Give it a few years, you'll catch up. :hmm3grin2orange:

:cheers:
 
Spotted owls and salmon roasts

Talked to a BLM guy that was walking the creek here a few months ago, calling out for spotted owls taking a census. Our neighbor shot a few warning rounds off toward him up the creek a few miles from here, not knowing who he was the week before (read, RUN!). Not many spotted owls around here it seems, even though this is the heart of spotted owl country and the 'save the owl' campaign back whenever. Several large tracts of timber near here are reserved for habitat. It seems that the spotted owl is being replaced "au naturale" by the barred owl. They are moving in from the east at a fast pace and taking over the spotted owl's areas.

Coho/silver salmon are also on the endangered species lists, more to the south of the Chinook runs. We get money from the Fed for leasing 5 acres along our creek here for Coho habitat (a few $hundred a year). They also paid us to fence it off to keep our sheep away from the creeksides, and paid for 2,000 trees to be planted in what was pasture there. It is called the CREP program. You cannot make a living at it, but they will pay for land improvements. BTW: Tow of our dogs recently ate a salmon out of the creek and we had to put them on antibiotics to keep them from croaking. The story around here goes that they used to fish for salmon with a pitchfork in that same creek. I have yet to see a salmon in there.

I also see beaver in the creek now and then. Beavers are not good... For that matter elk are not good either. We have a lot of them here, and they destroy fencing, rip up baby trees, and eat our forest. Elk is good eating though, and under OR law, I get to (legally) shoot two a year here. And another 2 in 'emergency' situations. A few people come here to hunt with our permission. One lady bagged a deer without our permission. Tresspassed and was dragging it out of our pasture when I confronted her. She shot 5 rounds with ME in her backdrop. ME, not happy... blew the thing's head clean off with an SKS.
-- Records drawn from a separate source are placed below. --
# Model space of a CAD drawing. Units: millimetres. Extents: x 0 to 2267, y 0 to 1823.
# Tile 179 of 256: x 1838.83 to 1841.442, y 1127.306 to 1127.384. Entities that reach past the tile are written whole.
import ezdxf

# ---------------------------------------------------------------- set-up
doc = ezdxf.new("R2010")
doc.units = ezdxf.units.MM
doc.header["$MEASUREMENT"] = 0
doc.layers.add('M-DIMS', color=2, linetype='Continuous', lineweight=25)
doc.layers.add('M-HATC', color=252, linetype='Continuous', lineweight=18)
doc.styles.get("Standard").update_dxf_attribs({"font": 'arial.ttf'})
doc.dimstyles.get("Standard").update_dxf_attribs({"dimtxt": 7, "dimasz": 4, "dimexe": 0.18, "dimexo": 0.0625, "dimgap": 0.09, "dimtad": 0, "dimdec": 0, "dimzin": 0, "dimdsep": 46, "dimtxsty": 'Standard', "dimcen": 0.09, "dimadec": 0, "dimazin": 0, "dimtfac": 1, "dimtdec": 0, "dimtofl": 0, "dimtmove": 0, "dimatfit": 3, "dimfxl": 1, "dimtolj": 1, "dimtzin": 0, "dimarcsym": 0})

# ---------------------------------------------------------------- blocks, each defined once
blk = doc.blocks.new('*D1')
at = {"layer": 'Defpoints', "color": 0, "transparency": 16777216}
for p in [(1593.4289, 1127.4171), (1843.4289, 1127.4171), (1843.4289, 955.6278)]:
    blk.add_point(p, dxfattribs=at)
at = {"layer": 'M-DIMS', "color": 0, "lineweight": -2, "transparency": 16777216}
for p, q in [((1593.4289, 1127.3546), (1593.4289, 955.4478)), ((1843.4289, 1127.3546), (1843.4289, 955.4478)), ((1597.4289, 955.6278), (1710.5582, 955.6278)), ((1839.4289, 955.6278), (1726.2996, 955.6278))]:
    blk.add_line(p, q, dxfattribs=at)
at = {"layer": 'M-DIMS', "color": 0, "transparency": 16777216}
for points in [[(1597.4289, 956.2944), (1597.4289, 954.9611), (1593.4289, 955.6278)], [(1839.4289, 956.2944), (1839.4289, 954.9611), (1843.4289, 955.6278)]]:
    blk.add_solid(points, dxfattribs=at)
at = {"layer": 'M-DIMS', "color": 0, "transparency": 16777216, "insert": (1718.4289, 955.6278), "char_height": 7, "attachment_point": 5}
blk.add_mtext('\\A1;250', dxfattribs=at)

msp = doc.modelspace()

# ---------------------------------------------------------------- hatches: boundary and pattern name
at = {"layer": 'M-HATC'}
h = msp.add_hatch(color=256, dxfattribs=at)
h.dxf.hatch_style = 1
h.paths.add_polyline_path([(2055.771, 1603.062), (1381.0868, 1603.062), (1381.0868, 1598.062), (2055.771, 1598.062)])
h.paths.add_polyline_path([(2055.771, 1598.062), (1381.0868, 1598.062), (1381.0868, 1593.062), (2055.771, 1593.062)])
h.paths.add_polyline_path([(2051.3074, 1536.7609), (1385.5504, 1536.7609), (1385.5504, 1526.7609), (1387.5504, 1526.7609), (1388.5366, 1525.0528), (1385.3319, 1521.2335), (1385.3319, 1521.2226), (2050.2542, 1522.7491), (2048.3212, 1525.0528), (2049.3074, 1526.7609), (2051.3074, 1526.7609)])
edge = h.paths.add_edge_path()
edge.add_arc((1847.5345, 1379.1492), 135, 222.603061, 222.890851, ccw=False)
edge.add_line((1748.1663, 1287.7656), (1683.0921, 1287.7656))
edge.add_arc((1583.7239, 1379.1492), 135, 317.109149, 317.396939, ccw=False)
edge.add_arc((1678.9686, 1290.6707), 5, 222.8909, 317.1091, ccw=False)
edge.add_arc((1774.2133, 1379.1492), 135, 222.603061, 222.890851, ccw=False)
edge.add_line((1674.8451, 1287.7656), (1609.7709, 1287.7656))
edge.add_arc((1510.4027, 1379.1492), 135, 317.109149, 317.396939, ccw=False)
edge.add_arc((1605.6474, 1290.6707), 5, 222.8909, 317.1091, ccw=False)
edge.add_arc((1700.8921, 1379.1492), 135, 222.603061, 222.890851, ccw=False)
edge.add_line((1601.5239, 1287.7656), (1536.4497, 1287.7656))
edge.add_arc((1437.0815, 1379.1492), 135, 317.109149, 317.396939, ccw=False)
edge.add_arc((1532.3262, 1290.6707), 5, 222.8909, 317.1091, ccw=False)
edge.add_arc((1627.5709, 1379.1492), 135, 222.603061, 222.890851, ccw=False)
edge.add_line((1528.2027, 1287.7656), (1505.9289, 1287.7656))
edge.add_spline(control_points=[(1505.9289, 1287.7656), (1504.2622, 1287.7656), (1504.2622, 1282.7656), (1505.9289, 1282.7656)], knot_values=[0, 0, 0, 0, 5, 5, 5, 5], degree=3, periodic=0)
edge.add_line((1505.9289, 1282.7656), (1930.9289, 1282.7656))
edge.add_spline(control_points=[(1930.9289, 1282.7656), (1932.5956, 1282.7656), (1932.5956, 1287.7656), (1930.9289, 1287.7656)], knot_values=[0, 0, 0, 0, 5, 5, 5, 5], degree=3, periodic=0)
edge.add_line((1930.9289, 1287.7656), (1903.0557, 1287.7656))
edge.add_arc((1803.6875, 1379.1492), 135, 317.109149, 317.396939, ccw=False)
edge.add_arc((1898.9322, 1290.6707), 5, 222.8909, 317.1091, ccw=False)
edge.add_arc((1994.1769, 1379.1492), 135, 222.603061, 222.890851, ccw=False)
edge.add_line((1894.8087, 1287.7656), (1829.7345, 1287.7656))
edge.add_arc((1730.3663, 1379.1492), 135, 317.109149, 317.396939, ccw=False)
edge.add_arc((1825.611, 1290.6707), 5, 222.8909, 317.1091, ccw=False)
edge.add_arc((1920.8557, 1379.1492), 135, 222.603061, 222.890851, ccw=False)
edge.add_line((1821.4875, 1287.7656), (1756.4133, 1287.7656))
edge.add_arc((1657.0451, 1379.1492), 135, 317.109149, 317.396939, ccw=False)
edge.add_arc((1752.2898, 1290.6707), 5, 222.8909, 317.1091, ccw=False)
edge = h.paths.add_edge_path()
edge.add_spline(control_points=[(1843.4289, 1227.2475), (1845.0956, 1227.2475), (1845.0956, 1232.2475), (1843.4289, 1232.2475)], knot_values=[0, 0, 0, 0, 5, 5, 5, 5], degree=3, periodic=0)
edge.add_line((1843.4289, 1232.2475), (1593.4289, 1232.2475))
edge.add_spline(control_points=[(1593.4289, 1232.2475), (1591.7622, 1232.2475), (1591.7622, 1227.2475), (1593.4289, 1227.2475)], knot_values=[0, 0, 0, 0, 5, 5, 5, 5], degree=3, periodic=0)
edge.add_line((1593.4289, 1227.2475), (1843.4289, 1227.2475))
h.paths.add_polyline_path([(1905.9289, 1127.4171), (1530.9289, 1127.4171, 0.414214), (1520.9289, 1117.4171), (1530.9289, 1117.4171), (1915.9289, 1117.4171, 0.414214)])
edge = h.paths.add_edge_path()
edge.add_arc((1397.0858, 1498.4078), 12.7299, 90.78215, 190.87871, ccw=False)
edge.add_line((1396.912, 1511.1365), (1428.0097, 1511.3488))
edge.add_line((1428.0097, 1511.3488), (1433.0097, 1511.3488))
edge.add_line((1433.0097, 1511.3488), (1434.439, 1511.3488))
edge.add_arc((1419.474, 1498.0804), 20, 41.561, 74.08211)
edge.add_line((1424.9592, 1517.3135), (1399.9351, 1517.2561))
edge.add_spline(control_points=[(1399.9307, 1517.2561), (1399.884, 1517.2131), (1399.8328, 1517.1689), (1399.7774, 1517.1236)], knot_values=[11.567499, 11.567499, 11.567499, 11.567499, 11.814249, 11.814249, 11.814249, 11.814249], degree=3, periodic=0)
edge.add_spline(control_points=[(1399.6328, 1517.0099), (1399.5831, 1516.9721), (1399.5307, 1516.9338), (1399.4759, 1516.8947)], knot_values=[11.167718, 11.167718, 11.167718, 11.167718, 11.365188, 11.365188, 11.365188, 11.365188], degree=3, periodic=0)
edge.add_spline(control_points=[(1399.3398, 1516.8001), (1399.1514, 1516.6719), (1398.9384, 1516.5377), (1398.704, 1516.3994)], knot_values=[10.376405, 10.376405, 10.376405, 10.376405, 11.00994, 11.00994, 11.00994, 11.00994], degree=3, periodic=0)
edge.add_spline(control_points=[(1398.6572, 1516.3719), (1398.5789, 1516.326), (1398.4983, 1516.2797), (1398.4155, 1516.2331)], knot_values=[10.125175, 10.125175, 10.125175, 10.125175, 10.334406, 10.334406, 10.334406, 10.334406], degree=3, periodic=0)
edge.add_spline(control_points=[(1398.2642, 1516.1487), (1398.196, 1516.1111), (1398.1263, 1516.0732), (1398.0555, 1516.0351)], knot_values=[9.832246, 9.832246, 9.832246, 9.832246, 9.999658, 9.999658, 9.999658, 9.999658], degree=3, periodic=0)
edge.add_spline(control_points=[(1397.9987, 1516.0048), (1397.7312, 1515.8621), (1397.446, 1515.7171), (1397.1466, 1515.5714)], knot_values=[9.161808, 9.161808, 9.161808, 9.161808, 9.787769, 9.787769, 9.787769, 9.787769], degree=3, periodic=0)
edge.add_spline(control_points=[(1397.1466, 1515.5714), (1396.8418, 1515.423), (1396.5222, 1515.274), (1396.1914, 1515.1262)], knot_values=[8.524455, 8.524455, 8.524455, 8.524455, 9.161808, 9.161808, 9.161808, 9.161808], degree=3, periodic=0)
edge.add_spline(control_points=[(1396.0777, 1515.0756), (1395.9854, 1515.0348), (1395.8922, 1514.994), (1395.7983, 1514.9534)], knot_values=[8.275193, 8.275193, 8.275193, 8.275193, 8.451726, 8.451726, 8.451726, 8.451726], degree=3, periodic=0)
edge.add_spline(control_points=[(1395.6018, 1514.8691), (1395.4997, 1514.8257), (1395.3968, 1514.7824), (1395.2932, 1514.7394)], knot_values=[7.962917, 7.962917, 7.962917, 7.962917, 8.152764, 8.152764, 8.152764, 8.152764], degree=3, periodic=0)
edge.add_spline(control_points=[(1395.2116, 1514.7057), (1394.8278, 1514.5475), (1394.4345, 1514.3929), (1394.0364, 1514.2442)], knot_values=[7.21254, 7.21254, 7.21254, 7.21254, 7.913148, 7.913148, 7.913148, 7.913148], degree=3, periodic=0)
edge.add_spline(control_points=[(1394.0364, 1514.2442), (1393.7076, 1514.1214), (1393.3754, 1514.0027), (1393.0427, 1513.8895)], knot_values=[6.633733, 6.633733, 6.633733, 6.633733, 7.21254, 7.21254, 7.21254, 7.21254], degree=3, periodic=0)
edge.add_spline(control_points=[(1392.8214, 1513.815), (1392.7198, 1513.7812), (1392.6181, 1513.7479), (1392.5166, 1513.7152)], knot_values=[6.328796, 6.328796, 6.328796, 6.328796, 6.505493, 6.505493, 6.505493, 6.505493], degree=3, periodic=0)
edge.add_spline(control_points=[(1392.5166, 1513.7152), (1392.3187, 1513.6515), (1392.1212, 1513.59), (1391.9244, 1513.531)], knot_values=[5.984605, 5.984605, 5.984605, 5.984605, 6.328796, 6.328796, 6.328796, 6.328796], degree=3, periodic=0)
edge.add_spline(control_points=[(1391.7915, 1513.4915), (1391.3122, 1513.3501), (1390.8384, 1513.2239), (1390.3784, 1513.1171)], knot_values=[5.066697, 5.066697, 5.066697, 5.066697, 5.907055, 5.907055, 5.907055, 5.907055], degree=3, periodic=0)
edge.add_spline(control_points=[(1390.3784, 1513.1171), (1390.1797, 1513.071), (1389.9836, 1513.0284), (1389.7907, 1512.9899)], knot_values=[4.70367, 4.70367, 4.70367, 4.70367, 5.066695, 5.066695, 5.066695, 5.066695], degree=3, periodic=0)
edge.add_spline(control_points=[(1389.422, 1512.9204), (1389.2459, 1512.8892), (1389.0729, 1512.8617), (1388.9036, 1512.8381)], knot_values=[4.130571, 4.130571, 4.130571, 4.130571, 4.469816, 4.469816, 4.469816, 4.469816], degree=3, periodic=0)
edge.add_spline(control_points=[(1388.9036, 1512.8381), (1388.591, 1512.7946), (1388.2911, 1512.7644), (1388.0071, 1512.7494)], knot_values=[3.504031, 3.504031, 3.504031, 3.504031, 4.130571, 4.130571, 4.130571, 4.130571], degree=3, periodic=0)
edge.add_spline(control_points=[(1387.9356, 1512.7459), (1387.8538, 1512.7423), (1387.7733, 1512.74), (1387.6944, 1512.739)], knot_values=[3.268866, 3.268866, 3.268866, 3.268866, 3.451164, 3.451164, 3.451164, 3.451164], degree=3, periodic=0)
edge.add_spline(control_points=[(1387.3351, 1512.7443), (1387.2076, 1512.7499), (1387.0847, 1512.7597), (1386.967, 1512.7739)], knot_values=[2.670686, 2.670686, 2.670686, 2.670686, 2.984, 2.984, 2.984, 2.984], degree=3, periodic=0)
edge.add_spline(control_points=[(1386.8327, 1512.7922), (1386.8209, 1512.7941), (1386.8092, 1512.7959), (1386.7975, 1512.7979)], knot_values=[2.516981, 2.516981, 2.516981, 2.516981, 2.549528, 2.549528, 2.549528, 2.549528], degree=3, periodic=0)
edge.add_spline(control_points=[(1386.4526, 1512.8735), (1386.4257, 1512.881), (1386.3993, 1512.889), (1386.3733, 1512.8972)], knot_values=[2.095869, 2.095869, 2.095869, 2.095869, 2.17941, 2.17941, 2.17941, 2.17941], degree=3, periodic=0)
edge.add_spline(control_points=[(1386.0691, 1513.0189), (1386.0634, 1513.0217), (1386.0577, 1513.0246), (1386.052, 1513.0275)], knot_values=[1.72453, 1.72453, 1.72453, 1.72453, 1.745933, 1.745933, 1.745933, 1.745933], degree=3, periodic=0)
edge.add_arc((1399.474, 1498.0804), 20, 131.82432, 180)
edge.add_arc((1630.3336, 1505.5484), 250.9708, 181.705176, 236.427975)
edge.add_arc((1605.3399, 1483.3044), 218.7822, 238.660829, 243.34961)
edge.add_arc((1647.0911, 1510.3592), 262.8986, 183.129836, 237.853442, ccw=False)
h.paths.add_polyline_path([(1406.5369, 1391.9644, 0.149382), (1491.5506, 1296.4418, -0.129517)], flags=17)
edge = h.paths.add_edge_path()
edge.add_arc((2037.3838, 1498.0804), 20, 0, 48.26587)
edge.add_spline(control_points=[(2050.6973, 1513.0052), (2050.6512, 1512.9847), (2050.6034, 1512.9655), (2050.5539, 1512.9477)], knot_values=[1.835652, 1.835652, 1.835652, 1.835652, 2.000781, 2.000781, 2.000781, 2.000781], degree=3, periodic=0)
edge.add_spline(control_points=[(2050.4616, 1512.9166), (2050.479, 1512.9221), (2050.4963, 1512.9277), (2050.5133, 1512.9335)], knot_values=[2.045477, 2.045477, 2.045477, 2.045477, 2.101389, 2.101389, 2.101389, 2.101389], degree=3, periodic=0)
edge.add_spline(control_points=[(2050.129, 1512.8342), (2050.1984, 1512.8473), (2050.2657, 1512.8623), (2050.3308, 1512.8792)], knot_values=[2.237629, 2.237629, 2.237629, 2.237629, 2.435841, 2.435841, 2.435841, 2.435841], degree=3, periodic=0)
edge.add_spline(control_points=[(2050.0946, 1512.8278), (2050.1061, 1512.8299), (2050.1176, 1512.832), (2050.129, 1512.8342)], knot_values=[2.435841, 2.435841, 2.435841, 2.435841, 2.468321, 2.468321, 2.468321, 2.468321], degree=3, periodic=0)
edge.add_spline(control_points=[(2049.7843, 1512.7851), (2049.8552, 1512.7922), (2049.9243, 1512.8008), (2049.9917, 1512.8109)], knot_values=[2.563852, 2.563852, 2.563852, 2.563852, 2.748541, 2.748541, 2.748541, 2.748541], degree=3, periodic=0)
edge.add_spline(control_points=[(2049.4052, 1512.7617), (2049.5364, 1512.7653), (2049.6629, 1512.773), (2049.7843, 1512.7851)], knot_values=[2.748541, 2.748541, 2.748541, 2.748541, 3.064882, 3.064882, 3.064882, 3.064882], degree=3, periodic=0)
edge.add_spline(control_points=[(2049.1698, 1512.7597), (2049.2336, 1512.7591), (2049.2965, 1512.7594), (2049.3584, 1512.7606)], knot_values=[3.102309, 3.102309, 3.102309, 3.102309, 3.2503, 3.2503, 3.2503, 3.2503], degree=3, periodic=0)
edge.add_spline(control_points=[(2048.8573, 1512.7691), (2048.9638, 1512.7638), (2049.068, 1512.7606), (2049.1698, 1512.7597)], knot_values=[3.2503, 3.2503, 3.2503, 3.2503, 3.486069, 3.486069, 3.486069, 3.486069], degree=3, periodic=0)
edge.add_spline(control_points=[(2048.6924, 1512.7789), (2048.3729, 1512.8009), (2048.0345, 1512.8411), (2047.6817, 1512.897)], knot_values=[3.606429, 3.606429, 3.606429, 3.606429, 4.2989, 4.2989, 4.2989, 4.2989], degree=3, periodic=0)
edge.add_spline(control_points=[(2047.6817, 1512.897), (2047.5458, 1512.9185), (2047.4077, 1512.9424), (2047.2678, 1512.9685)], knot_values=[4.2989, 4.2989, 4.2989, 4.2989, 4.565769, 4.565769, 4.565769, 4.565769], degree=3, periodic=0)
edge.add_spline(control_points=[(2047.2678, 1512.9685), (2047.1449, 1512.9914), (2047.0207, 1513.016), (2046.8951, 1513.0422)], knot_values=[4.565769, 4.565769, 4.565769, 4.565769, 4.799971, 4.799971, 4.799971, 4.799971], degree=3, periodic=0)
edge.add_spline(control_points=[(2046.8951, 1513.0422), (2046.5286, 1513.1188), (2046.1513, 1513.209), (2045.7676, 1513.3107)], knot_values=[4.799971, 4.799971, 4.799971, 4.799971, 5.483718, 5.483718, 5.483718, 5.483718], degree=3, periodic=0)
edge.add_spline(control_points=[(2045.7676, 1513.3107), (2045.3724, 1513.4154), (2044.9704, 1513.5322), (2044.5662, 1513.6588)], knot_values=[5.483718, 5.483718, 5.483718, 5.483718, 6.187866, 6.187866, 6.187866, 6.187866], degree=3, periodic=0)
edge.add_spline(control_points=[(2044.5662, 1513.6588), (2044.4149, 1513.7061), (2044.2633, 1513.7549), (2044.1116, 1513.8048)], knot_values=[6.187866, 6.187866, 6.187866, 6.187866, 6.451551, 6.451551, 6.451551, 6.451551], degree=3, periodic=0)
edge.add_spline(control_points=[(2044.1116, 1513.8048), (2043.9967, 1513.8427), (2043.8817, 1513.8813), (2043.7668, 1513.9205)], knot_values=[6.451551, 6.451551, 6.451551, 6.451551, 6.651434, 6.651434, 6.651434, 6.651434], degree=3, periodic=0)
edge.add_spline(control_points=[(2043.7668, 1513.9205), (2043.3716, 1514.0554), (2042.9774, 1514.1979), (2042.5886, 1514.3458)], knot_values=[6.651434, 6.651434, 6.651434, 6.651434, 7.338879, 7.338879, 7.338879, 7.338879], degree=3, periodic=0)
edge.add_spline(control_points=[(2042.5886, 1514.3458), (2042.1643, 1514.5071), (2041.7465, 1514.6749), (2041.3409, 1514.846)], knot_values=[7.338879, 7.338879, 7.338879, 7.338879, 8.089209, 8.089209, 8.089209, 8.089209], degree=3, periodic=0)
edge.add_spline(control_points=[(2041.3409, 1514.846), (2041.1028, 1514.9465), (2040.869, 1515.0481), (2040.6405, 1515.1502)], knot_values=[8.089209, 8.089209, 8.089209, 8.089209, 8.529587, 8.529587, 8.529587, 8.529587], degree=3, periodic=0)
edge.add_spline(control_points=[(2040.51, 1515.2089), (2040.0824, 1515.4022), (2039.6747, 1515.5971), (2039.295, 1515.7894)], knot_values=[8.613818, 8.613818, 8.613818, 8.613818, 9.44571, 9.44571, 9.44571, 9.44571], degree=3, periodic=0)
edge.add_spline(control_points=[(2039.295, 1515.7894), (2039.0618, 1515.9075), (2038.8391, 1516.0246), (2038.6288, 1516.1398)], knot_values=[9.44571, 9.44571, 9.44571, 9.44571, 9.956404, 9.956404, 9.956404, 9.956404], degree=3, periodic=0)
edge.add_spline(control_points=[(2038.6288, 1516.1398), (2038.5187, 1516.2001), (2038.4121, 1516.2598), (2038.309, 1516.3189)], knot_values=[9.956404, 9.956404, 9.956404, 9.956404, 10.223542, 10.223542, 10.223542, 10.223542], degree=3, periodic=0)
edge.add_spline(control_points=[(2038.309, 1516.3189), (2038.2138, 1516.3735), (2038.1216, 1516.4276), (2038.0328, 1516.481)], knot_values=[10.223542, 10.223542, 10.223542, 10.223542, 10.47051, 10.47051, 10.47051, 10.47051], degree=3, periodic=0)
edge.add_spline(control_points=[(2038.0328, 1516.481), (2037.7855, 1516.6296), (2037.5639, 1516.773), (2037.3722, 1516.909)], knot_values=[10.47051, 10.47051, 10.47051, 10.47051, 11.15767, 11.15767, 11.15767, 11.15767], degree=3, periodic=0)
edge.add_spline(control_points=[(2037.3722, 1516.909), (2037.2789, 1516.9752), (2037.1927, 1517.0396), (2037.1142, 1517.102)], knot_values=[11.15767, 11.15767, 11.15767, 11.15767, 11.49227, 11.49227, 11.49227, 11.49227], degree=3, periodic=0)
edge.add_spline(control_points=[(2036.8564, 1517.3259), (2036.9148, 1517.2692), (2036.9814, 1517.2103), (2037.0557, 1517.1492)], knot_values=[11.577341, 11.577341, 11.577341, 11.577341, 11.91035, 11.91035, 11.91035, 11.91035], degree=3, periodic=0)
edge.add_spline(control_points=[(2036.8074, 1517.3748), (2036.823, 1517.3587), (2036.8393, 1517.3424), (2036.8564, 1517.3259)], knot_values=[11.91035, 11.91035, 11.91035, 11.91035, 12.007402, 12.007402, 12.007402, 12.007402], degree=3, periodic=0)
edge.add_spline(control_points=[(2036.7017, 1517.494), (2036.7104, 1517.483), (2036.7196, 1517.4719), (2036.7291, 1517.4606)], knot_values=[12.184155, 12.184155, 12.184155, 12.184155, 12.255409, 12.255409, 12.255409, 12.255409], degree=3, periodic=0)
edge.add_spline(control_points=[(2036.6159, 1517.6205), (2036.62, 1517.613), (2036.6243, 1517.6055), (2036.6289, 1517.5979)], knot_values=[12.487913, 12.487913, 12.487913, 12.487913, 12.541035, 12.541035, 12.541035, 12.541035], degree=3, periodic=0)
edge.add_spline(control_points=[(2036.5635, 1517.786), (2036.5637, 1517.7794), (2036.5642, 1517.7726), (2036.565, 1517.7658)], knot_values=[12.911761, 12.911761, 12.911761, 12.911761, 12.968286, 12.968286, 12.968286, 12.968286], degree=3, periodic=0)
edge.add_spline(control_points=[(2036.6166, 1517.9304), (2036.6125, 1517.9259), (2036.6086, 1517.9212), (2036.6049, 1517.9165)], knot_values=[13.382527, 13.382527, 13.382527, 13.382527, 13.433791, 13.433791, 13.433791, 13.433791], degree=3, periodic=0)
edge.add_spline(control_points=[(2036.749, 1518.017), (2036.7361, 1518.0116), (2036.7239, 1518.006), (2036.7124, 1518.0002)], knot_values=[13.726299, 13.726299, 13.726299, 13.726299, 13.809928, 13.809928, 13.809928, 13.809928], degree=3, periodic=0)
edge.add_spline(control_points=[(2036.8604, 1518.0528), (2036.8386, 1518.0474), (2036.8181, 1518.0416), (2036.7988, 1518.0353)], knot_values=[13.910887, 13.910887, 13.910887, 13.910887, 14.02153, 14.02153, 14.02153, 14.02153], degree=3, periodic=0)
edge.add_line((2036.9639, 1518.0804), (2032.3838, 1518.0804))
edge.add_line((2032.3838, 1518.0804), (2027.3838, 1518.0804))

The wild wild long bar and rifle west...
 
Huge Doug firs of BC and WA???? What????? You missed a state in there...
*THE* tallest Doug fir now standing is in Oregon. About 35 miles southwest of where we live, actually. Bull of the Woods, Valley of the Giants, and many other places in Oregon have many groves and even square miles of giant massive sized old growth Doug firs that are many hundreds of years old. ;)

Here is one that I made into my avatar...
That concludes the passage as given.